Maya civilization thrived thousands of years ago in present-day Central America. Anthropologists and archaeologists thought Maya culture originated in the northern reaches of what is now Guatemala about 600 B.C.E., and migrated north to the Yucatan Peninsula of present-day Mexico beginning around 700 C.E.

Throughout the film Quest for the Lost Maya, a team of anthropologists discovers the Maya may have been in the Yucatan as far back as 500 B.C.E. This new evidence indicates the Maya of this region had a very complex social structure, distinctive religious practices, and unique technological innovations that made civilization possible in the harsh jungle.

In this segment from Quest for the Lost Maya, archaeologist Stephanie Simms analyzes teeth from a human burial found at an ancient Maya site.

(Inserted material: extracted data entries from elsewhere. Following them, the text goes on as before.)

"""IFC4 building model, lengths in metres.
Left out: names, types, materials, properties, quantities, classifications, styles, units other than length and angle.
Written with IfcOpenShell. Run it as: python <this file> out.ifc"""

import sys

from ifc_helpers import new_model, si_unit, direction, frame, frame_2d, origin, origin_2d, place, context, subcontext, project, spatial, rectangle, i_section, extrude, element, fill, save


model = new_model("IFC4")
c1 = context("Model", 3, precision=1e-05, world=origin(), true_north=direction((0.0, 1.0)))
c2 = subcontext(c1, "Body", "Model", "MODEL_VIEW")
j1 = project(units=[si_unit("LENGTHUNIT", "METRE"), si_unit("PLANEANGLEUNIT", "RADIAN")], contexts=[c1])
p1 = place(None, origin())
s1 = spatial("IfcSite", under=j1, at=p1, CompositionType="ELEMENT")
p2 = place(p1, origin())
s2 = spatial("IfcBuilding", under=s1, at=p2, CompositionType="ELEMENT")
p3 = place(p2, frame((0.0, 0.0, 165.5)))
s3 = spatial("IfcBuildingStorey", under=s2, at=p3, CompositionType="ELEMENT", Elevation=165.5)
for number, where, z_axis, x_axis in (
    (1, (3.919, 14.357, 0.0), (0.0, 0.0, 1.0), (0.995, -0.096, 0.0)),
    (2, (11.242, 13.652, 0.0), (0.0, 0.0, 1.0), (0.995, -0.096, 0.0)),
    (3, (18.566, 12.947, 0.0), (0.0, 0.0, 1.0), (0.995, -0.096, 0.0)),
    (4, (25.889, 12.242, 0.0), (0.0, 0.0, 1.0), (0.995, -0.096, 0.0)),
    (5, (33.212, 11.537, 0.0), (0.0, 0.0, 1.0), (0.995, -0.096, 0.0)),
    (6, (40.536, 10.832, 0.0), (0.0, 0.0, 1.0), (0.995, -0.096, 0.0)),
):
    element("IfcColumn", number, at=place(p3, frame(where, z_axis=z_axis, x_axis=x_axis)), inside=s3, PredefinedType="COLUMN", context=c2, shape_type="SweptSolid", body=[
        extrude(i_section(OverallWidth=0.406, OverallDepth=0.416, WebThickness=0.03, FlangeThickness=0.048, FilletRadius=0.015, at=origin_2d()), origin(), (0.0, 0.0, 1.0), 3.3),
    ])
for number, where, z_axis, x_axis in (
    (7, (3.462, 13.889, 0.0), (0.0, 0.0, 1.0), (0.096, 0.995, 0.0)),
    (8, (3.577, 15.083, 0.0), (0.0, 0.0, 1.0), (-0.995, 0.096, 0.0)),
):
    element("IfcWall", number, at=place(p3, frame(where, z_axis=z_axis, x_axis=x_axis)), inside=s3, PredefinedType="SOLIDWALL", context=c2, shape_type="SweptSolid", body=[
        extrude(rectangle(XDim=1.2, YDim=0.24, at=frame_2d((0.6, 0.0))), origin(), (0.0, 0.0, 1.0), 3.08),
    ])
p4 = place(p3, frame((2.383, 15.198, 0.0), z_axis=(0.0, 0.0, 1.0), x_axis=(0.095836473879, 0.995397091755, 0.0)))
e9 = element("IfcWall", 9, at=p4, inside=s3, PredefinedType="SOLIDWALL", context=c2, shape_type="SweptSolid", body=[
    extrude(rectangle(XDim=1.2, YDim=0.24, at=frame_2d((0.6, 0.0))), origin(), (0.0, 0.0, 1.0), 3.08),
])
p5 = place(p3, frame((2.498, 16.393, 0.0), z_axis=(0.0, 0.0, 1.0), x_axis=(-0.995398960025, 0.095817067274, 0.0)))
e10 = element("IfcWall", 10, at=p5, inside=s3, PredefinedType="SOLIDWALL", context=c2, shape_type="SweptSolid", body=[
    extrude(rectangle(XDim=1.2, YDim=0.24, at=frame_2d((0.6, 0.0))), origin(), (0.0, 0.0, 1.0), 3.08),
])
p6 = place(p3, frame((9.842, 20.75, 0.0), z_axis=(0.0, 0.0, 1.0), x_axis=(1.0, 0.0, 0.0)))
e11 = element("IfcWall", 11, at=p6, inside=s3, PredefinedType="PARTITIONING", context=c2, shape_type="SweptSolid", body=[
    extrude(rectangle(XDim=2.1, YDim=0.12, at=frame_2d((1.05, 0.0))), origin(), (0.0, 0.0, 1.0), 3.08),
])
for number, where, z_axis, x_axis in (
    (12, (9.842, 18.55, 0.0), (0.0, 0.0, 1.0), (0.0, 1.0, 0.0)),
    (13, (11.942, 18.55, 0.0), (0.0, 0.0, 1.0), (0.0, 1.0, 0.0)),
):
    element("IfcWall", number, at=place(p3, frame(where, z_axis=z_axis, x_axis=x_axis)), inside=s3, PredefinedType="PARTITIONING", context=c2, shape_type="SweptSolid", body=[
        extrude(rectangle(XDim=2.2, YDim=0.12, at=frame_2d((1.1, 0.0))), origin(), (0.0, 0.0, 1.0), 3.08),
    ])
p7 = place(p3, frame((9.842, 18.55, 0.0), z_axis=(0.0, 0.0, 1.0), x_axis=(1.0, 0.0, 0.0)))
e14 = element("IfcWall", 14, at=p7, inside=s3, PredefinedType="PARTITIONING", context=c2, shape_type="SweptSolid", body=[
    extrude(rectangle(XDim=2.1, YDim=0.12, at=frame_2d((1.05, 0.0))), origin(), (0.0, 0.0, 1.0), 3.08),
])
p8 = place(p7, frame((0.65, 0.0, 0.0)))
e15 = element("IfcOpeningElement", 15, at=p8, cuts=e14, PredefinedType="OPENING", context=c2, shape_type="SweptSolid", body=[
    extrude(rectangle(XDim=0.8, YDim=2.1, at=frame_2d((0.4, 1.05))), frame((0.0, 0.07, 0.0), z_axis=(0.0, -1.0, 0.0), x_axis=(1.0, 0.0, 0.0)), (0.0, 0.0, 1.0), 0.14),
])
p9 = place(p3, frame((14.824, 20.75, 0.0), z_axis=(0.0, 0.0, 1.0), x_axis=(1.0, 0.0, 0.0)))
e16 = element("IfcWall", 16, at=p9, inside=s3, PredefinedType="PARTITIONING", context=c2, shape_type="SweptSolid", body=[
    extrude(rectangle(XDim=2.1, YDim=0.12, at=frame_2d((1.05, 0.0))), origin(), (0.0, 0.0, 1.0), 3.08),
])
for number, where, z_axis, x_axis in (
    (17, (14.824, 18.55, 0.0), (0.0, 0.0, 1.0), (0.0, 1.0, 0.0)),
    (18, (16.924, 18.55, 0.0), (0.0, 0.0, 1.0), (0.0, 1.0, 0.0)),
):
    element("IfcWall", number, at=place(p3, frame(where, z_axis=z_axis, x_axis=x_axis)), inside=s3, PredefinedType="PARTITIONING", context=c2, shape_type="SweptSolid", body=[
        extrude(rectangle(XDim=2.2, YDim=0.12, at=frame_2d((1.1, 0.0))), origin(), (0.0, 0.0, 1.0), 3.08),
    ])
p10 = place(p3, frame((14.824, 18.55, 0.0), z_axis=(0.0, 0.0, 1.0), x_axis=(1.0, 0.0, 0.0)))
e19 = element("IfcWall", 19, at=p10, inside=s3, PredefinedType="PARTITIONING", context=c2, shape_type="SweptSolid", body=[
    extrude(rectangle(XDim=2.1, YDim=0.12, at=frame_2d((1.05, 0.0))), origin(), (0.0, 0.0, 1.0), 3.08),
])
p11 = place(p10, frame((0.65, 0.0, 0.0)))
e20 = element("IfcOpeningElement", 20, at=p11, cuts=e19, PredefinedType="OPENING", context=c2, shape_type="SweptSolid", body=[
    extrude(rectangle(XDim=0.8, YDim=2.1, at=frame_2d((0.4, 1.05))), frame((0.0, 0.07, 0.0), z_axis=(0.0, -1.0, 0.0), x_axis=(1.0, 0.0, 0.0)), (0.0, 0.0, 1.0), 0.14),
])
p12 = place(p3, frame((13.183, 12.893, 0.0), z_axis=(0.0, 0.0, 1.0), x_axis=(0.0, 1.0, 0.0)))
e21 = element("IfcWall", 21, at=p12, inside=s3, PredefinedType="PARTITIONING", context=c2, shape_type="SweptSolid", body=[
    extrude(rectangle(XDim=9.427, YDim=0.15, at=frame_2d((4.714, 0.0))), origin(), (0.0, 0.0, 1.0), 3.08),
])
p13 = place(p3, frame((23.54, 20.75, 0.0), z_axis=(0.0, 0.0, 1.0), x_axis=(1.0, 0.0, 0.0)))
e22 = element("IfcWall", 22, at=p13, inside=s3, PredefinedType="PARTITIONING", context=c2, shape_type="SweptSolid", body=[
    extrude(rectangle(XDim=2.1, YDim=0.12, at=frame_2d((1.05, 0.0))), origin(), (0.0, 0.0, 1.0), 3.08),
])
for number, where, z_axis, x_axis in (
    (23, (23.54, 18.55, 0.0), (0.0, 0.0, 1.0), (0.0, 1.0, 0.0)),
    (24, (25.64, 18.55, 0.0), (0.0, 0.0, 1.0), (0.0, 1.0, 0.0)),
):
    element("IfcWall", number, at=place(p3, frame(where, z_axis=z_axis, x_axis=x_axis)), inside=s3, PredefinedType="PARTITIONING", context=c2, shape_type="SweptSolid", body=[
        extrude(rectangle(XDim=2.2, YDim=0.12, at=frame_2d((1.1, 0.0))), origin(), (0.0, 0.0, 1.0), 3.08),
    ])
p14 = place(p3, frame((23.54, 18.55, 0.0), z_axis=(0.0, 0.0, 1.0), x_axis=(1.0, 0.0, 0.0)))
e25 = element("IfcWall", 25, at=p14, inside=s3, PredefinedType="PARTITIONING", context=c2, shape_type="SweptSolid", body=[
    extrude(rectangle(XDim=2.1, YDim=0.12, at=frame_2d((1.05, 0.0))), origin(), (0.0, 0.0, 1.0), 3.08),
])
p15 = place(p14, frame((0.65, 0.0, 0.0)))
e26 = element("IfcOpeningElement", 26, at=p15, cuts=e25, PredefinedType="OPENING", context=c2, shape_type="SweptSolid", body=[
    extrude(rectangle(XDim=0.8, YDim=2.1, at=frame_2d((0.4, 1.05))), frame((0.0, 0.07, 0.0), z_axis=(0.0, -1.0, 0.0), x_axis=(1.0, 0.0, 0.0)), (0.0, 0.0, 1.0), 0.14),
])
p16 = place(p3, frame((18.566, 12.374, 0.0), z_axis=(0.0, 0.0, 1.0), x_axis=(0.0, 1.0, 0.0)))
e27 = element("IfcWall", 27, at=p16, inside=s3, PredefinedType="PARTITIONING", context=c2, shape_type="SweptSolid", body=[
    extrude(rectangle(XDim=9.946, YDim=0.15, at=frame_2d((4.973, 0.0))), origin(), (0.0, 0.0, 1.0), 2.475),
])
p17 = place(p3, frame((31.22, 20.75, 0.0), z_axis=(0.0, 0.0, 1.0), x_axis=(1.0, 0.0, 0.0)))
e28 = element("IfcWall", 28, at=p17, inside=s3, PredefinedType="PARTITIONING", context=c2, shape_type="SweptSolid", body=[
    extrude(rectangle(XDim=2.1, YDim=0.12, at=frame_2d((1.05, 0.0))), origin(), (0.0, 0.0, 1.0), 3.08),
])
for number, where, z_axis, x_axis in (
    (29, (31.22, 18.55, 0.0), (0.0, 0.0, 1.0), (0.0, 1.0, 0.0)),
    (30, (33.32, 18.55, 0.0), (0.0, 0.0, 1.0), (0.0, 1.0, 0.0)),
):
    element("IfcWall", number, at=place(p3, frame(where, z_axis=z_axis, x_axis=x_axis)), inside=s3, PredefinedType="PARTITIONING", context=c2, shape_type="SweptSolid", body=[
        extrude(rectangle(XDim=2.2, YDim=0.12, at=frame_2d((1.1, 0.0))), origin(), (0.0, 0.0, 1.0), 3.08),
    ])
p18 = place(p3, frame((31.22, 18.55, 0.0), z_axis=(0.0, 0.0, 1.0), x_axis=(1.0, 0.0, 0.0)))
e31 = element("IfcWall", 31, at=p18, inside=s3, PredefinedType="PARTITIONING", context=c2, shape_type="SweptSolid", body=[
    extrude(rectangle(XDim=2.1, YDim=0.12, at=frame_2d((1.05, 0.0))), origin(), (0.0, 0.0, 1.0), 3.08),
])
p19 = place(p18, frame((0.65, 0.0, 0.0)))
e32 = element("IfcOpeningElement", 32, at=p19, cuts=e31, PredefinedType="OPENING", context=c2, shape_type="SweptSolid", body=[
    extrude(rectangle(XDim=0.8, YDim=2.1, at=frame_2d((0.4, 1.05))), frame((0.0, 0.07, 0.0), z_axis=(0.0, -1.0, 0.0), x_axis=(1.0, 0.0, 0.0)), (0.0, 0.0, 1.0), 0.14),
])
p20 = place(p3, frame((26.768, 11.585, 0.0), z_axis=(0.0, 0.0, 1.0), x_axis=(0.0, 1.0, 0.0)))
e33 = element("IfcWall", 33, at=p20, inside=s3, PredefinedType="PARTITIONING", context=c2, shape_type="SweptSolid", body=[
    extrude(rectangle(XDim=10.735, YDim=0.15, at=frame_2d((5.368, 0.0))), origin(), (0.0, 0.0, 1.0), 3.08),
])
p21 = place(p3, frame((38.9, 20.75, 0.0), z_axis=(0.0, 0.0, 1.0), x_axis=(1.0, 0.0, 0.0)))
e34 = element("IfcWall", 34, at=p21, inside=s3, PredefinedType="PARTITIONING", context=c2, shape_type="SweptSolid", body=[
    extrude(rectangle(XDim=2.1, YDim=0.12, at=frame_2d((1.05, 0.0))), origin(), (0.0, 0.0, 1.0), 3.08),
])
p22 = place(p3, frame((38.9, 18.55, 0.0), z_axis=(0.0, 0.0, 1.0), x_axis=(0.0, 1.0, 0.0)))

Scientific analysis of teeth can yield valuable data about what life was like for residents of the "Stairway Estate." The 1,200-year-old plaque contains traces of food, evidence of the Maya diet. Analysis of the plaque reveals the Mayan diet was rich and diverse, and included many more plant-based foods than originally predicted. Some of these fruits and vegetables include squash, beans, tree fruit, and chili peppers. Evidence suggests ancient Mayans were skilled cooks who used a wide variety of foods and spices.

The segment also looks at indicators that some of the Maya living at this site may have been the first middle class of the Americas. Many people have a misconception that life for ancient Maya peasants was rough and poor, but this new evidence shows some Maya lived a very comfortable and prosperous existence.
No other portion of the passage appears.